Australian Centre for Pharmacometrics, School of Pharmacy and Medical Sciences, Division of Health Sciences, University of South Australia, Australia.
Comprehensive Cancer Center, The Ohio State University, Columbus, OH, USA.
Br J Clin Pharmacol. 2019 May;85(5):924-934. doi: 10.1111/bcp.13873. Epub 2019 Feb 27.
Lenalidomide is an immunomodulatory imide drug used broadly in the treatment of multiple myeloma and lymphoma. It continues to be evaluated in chronic lymphocytic leukaemia (CLL) at lower doses due to dose-related toxicities including tumour flare and tumour lysis syndrome. This study aimed to develop a population pharmacokinetic model for lenalidomide in multiple cancers, including CLL, to identify any disease-related differences in disposition.
Lenalidomide concentrations from 4 clinical trials were collated (1999 samples, 125 subjects), covering 4 cancers (multiple myeloma, CLL, acute myeloid leukaemia and acute lymphoblastic leukaemia) and a large dose range (2.5-75 mg). A population pharmacokinetic model was developed with NONMEM and patient demographics were tested as covariates.
The data were best fitted by a 1-compartment kinetic model with absorption described by 7 transit compartments. Clearance and volume of distribution were allometrically scaled for fat-free mass. The population parameter estimates for apparent clearance, apparent volume of distribution and transit rate constant were 12 L/h (10.8-13.6), 68.8 L (61.8-76.3), and 13.5 h (11.9-36.8) respectively. Patients with impaired renal function (creatinine clearance <30 mL/min) exhibited a 22% reduction in lenalidomide clearance compared to patients with creatinine clearance of 90 mL/min. Cancer type had no discernible effect on lenalidomide disposition.

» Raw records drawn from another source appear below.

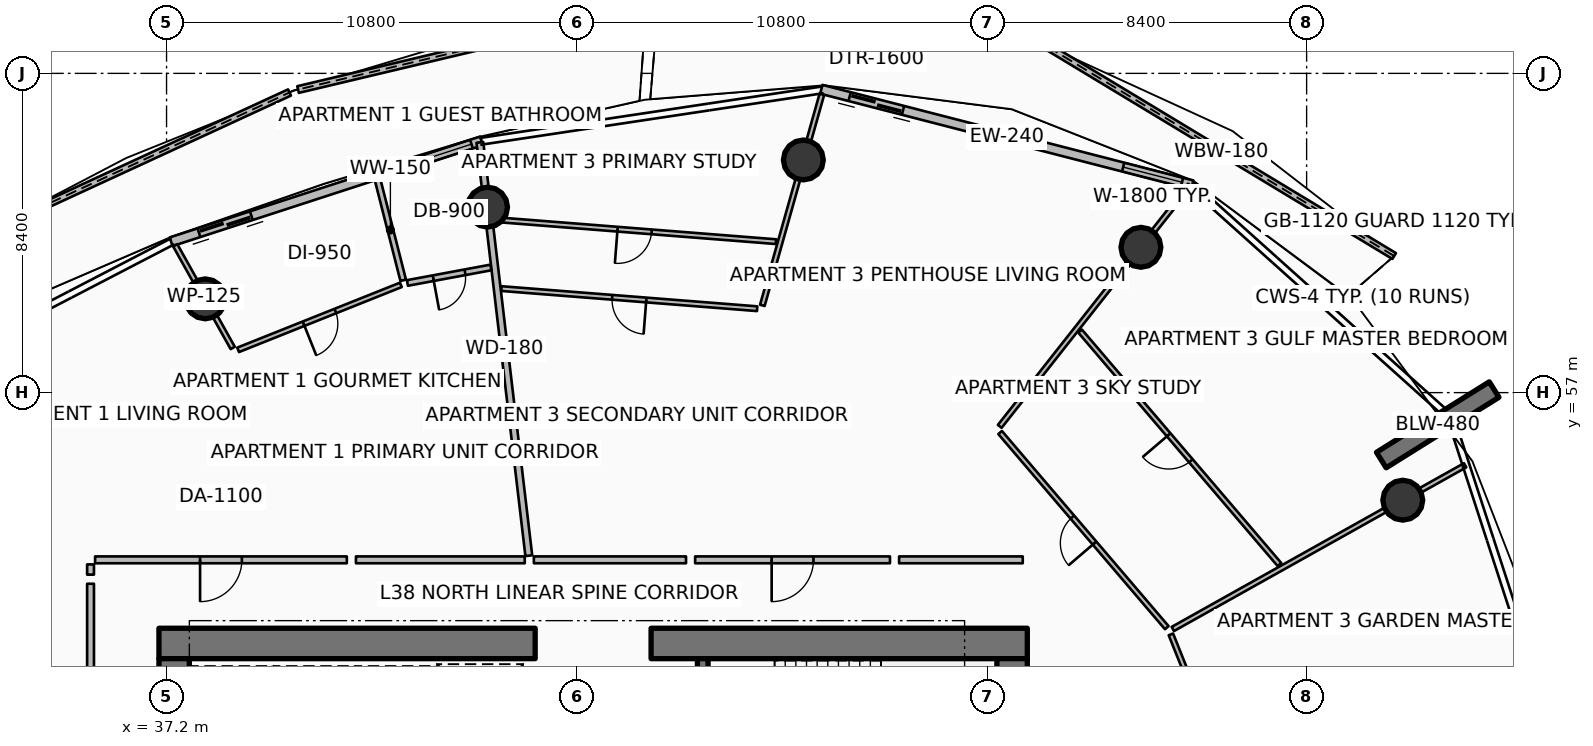
"""IFC4 building model, lengths in metres.
Left out: names, types, materials, properties, quantities, classifications, styles, units other than length and angle.
Written with IfcOpenShell. Run it as: python <this file> out.ifc"""

import sys

from ifc_helpers import new_model, si_unit, direction, frame, frame_2d, origin, origin_2d, place, context, subcontext, project, spatial, polyline, rectangle, circle, outline, extrude, element, fill, save


model = new_model("IFC4")
c1 = context("Model", 3, precision=1e-05, world=origin(), true_north=direction((0.0, 1.0)))
c2 = subcontext(c1, "Body", "Model", "MODEL_VIEW")
j1 = project(units=[si_unit("LENGTHUNIT", "METRE"), si_unit("PLANEANGLEUNIT", "RADIAN")], contexts=[c1])
p1 = place(None, origin())
s1 = spatial("IfcSite", under=j1, at=p1, CompositionType="ELEMENT")
p2 = place(p1, origin())
s2 = spatial("IfcBuilding", under=s1, at=p2, CompositionType="ELEMENT")
p3 = place(p2, frame((0.0, 0.0, 154.05)))
s3 = spatial("IfcBuildingStorey", under=s2, at=p3, CompositionType="ELEMENT", Elevation=154.05)
p4 = place(p3, frame((37.0, 50.4, 0.0), z_axis=(0.0, 0.0, 1.0), x_axis=(1.0, 0.0, 0.0)))
e1 = element("IfcWall", 1, at=p4, inside=s3, PredefinedType="SHEAR", context=c2, shape_type="SweptSolid", body=[
    extrude(rectangle(XDim=9.9, YDim=0.8, at=frame_2d((4.95, 0.0))), origin(), (0.0, 0.0, 1.0), 3.75),
])
p5 = place(p3, frame((49.95, 50.4, 0.0), z_axis=(0.0, 0.0, 1.0), x_axis=(1.0, 0.0, 0.0)))
e2 = element("IfcWall", 2, at=p5, inside=s3, PredefinedType="SHEAR", context=c2, shape_type="SweptSolid", body=[
    extrude(rectangle(XDim=9.9, YDim=0.8, at=frame_2d((4.95, 0.0))), origin(), (0.0, 0.0, 1.0), 3.75),
])
for number, where, z_axis, x_axis in (
    (3, (37.4, 34.0, 0.0), (0.0, 0.0, 1.0), (0.0, 1.0, 0.0)),
    (4, (59.45, 34.0, 0.0), (0.0, 0.0, 1.0), (0.0, 1.0, 0.0)),
):
    element("IfcWall", number, at=place(p3, frame(where, z_axis=z_axis, x_axis=x_axis)), inside=s3, PredefinedType="SHEAR", context=c2, shape_type="SweptSolid", body=[
        extrude(rectangle(XDim=16.0, YDim=0.8, at=frame_2d((8.0, 0.0))), origin(), (0.0, 0.0, 1.0), 3.75),
    ])
p6 = place(p3, frame((51.31, 46.5, 0.0), z_axis=(0.0, 0.0, 1.0), x_axis=(0.0, 1.0, 0.0)))
e5 = element("IfcWall", 5, at=p6, inside=s3, PredefinedType="SHEAR", context=c2, shape_type="SweptSolid", body=[
    extrude(rectangle(XDim=3.5, YDim=0.28, at=frame_2d((1.75, 0.0))), origin(), (0.0, 0.0, 1.0), 3.75),
])
p7 = place(p3, frame((69.165, 55.226, 0.0), z_axis=(0.0, 0.0, 1.0), x_axis=(0.848053161125, 0.529911158502, 0.0)))
e6 = element("IfcWall", 6, at=p7, inside=s3, PredefinedType="SOLIDWALL", context=c2, shape_type="SweptSolid", body=[
    extrude(rectangle(XDim=3.5, YDim=0.48, at=frame_2d((1.75, 0.0))), origin(), (0.0, 0.0, 1.0), 3.75),
])
for number, where, z_axis, x_axis in (
    (7, (69.73, 54.169, 0.0), (0.0, 0.0, 1.0), (1.0, 0.0, 0.0)),
    (8, (62.84, 60.824, 0.0), (0.0, 0.0, 1.0), (1.0, 0.0, 0.0)),
    (9, (53.957, 63.122, 0.0), (0.0, 0.0, 1.0), (1.0, 0.0, 0.0)),
    (10, (45.647, 61.881, 0.0), (0.0, 0.0, 1.0), (1.0, 0.0, 0.0)),
    (11, (38.218, 59.467, 0.0), (0.0, 0.0, 1.0), (1.0, 0.0, 0.0)),
):
    element("IfcColumn", number, at=place(p3, frame(where, z_axis=z_axis, x_axis=x_axis)), inside=s3, PredefinedType="COLUMN", context=c2, shape_type="SweptSolid", body=[
        extrude(circle(Radius=0.525, at=origin_2d()), origin(), (0.0, 0.0, 1.0), 3.5),
    ])
p8 = place(p3, frame((69.503, 60.594, 0.0), z_axis=(0.0, 0.0, 1.0), x_axis=(-0.856001332464, 0.516973615207, 0.0)))
e12 = element("IfcWall", 12, at=p8, inside=s3, PredefinedType="PARAPET", context=c2, shape_type="SweptSolid", body=[
    extrude(outline(polyline([(0.0, 0.0), (10.626, 0.0), (10.626, 1.348), (5.313, 1.182), (0.0, 1.12), (0.0, 0.0)])), frame((0.0, 0.09, 0.0), z_axis=(0.0, -1.0, 0.0), x_axis=(1.0, 0.0, 0.0)), (0.0, 0.0, 1.0), 0.18),
])
p9 = place(p3, frame((49.825, 67.151, 0.0), z_axis=(0.0, 0.0, 1.0), x_axis=(-0.972947039014, -0.231028265098, 0.0)))
e13 = element("IfcWall", 13, at=p9, inside=s3, PredefinedType="PARAPET", context=c2, shape_type="SweptSolid", body=[
    extrude(outline(polyline([(0.0, 0.0), (9.419, 0.0), (9.419, 1.832), (4.709, 1.853), (0.0, 1.756), (0.0, 0.0)])), frame((0.0, 0.09, 0.0), z_axis=(0.0, -1.0, 0.0), x_axis=(1.0, 0.0, 0.0)), (0.0, 0.0, 1.0), 0.18),
])
p10 = place(p3, frame((40.435, 64.897, 0.0), z_axis=(0.0, 0.0, 1.0), x_axis=(-0.908087442579, -0.418780606799, 0.0)))
e14 = element("IfcWall", 14, at=p10, inside=s3, PredefinedType="PARAPET", context=c2, shape_type="SweptSolid", body=[
    extrude(outline(polyline([(0.0, 0.0), (9.315, 0.0), (9.315, 1.497), (4.658, 1.696), (0.0, 1.832), (0.0, 0.0)])), frame((0.0, 0.09, 0.0), z_axis=(0.0, -1.0, 0.0), x_axis=(1.0, 0.0, 0.0)), (0.0, 0.0, 1.0), 0.18),
])
p11 = place(p3, frame((64.192, 62.466, 0.0), z_axis=(0.0, 0.0, 1.0), x_axis=(-0.968379685126, 0.249481032214, 0.0)))
e15 = element("IfcWall", 15, at=p11, inside=s3, PredefinedType="SOLIDWALL", context=c2, shape_type="SweptSolid", body=[
    extrude(rectangle(XDim=10.082, YDim=0.24, at=frame_2d((5.041, 0.0))), origin(), (0.0, 0.0, 1.0), 2.45),
])
p12 = place(p11, frame((7.862, 0.0, 0.0)))
e16 = element("IfcOpeningElement", 16, at=p12, cuts=e15, PredefinedType="OPENING", context=c2, shape_type="SweptSolid", body=[
    extrude(rectangle(XDim=1.45, YDim=2.15, at=frame_2d((0.725, 1.075))), frame((0.0, 0.13, 0.0), z_axis=(0.0, -1.0, 0.0), x_axis=(1.0, 0.0, 0.0)), (0.0, 0.0, 1.0), 0.26),
])
p13 = place(p11, frame((0.28, 0.0, 0.65)))
e17 = element("IfcOpeningElement", 17, at=p13, cuts=e15, PredefinedType="OPENING", context=c2, shape_type="SweptSolid", body=[
    extrude(rectangle(XDim=1.6, YDim=1.5, at=frame_2d((0.8, 0.75))), frame((0.0, 0.13, 0.0), z_axis=(0.0, -1.0, 0.0), x_axis=(1.0, 0.0, 0.0)), (0.0, 0.0, 1.0), 0.26),
])
p14 = place(p3, frame((45.49, 63.624, 0.0), z_axis=(0.0, 0.0, 1.0), x_axis=(-0.951046390632, -0.309048156224, 0.0)))
e18 = element("IfcWall", 18, at=p14, inside=s3, PredefinedType="SOLIDWALL", context=c2, shape_type="SweptSolid", body=[
    extrude(rectangle(XDim=8.59, YDim=0.24, at=frame_2d((4.295, 0.0))), origin(), (0.0, 0.0, 1.0), 2.45),
])
p15 = place(p14, frame((6.37, 0.0, 0.0)))
e19 = element("IfcOpeningElement", 19, at=p15, cuts=e18, PredefinedType="OPENING", context=c2, shape_type="SweptSolid", body=[
    extrude(rectangle(XDim=1.45, YDim=2.15, at=frame_2d((0.725, 1.075))), frame((0.0, 0.13, 0.0), z_axis=(0.0, -1.0, 0.0), x_axis=(1.0, 0.0, 0.0)), (0.0, 0.0, 1.0), 0.26),
])
p16 = place(p14, frame((0.28, 0.0, 0.65)))
e20 = element("IfcOpeningElement", 20, at=p16, cuts=e18, PredefinedType="OPENING", context=c2, shape_type="SweptSolid", body=[
    extrude(rectangle(XDim=1.6, YDim=1.5, at=frame_2d((0.8, 0.75))), frame((0.0, 0.13, 0.0), z_axis=(0.0, -1.0, 0.0), x_axis=(1.0, 0.0, 0.0)), (0.0, 0.0, 1.0), 0.26),
])
p17 = place(p3, frame((46.732, 52.709, 0.0), z_axis=(0.0, 0.0, 1.0), x_axis=(-0.117537145285, 0.993068486802, 0.0)))
e21 = element("IfcWall", 21, at=p17, inside=s3, PredefinedType="PARTITIONING", context=c2, shape_type="SweptSolid", body=[
    extrude(rectangle(XDim=10.951, YDim=0.18, at=frame_2d((5.475, 0.0))), origin(), (0.0, 0.0, 1.0), 2.94),
])
p18 = place(p3, frame((41.944, 52.6, 0.0), z_axis=(0.0, 0.0, 1.0), x_axis=(-1.0, 0.0, 0.0)))
e22 = element("IfcWall", 22, at=p18, inside=s3, PredefinedType="PARTITIONING", context=c2, shape_type="SweptSolid", body=[
    extrude(rectangle(XDim=6.624, YDim=0.18, at=frame_2d((3.312, 0.0))), origin(), (0.0, 0.0, 1.0), 2.94),
])
p19 = place(p18, frame((2.762, 0.0, 0.0)))
e23 = element("IfcOpeningElement", 23, at=p19, cuts=e22, PredefinedType="OPENING", context=c2, shape_type="SweptSolid", body=[
    extrude(rectangle(XDim=1.1, YDim=2.1, at=frame_2d((0.55, 1.05))), frame((0.0, 0.1, 0.0), z_axis=(0.0, -1.0, 0.0), x_axis=(1.0, 0.0, 0.0)), (0.0, 0.0, 1.0), 0.2),
])
p20 = place(p3, frame((35.2, 52.48, 0.0), z_axis=(0.0, 0.0, 1.0), x_axis=(0.0, -1.0, 0.0)))
e24 = element("IfcWall", 24, at=p20, inside=s3, PredefinedType="PARTITIONING", context=c2, shape_type="SweptSolid", body=[
    extrude(rectangle(XDim=0.269, YDim=0.18, at=frame_2d((0.135, 0.0))), origin(), (0.0, 0.0, 1.0), 2.94),
])
p21 = place(p3, frame((46.625, 52.6, 0.0), z_axis=(0.0, 0.0, 1.0), x_axis=(-1.0, 0.0, 0.0)))
e25 = element("IfcWall", 25, at=p21, inside=s3, PredefinedType="PARTITIONING", context=c2, shape_type="SweptSolid", body=[
    extrude(rectangle(XDim=4.442, YDim=0.18, at=frame_2d((2.221, 0.0))), origin(), (0.0, 0.0, 1.0), 2.94),
])
p22 = place(p3, frame((38.941, 58.175, 0.0), z_axis=(0.0, 0.0, 1.0), x_axis=(-0.488620181058, 0.872496600946, 0.0)))
e26 = element("IfcWall", 26, at=p22, inside=s3, PredefinedType="PARTITIONING", context=c2, shape_type="SweptSolid", body=[
    extrude(rectangle(XDim=3.095, YDim=0.125, at=frame_2d((1.548, 0.0))), origin(), (0.0, 0.0, 1.0), 2.94),
])
p23 = place(p3, frame((45.734, 60.293, 0.0), z_axis=(0.0, 0.0, 1.0), x_axis=(-0.983182569162, -0.182625397184, 0.0)))
e27 = element("IfcWall", 27, at=p23, inside=s3, PredefinedType="PARTITIONING", context=c2, shape_type="SweptSolid", body=[
    extrude(rectangle(XDim=2.234, YDim=0.15, at=frame_2d((1.117, 0.0))), origin(), (0.0, 0.0, 1.0), 2.94),
])
p24 = place(p23, frame((0.692, 0.0, 0.0)))
e28 = element("IfcOpeningElement", 28, at=p24, cuts=e27, PredefinedType="OPENING", context=c2, shape_type="SweptSolid", body=[
    extrude(rectangle(XDim=0.85, YDim=2.06, at=frame_2d((0.425, 1.03))), frame((0.0, 0.085, 0.0), z_axis=(0.0, -1.0, 0.0), x_axis=(1.0, 0.0, 0.0)), (0.0, 0.0, 1.0), 0.17),
])
p25 = place(p3, frame((43.427, 59.956, 0.0), z_axis=(0.0, 0.0, 1.0), x_axis=(-0.246779972966, 0.969071537578, 0.0)))
e29 = element("IfcWall", 29, at=p25, inside=s3, PredefinedType="PARTITIONING", context=c2, shape_type="SweptSolid", body=[
    extrude(rectangle(XDim=2.732, YDim=0.15, at=frame_2d((1.366, 0.0))), origin(), (0.0, 0.0, 1.0), 2.94),
])
p26 = place(p3, frame((43.366, 59.835, 0.0), z_axis=(0.0, 0.0, 1.0), x_axis=(-0.928691950022, -0.370852075584, 0.0)))
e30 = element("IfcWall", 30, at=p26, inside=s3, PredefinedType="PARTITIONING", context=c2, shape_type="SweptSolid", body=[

This is the first report of a lenalidomide population pharmacokinetic model to evaluate lenalidomide pharmacokinetics in patients with CLL and compare its pharmacokinetics with other B-cell malignancies. As no differences in pharmacokinetics were found between the observed cancer-types, the unique toxicities observed in CLL may be due to disease-specific pharmacodynamics.
来那度胺是一种免疫调节亚胺药物,广泛用于多发性骨髓瘤和淋巴瘤的治疗。由于剂量相关的毒性,包括肿瘤爆发和肿瘤溶解综合征,在较低剂量下继续在慢性淋巴细胞白血病(CLL)中进行评估。本研究旨在开发一种用于多种癌症(包括 CLL)的来那度胺群体药代动力学模型,以确定任何与疾病相关的处置差异。
汇集了来自 4 项临床试验的来那度胺浓度(1999 个样本,125 名受试者),涵盖了 4 种癌症(多发性骨髓瘤、CLL、急性髓细胞白血病和急性淋巴细胞白血病)和广泛的剂量范围(2.5-75mg)。使用 NONMEM 开发了一个群体药代动力学模型,并测试了患者人口统计学数据作为协变量。
数据最好通过一个 1 室动力学模型拟合,吸收通过 7 个转运室描述。清除率和分布容积按去脂体重进行比例缩放。表观清除率、表观分布容积和转运速率常数的群体参数估计值分别为 12L/h(10.8-13.6)、68.8L(61.8-76.3)和 13.5h(11.9-36.8)。肾功能受损(肌酐清除率<30mL/min)的患者与肌酐清除率为 90mL/min 的患者相比,来那度胺清除率降低了 22%。癌症类型对来那度胺处置没有明显影响。
这是首个报告来那度胺群体药代动力学模型的研究,用于评估来那度胺在 CLL 患者中的药代动力学,并比较其药代动力学与其他 B 细胞恶性肿瘤。由于观察到的癌症类型之间没有药代动力学差异,CLL 中观察到的独特毒性可能是由于疾病特异性药效学。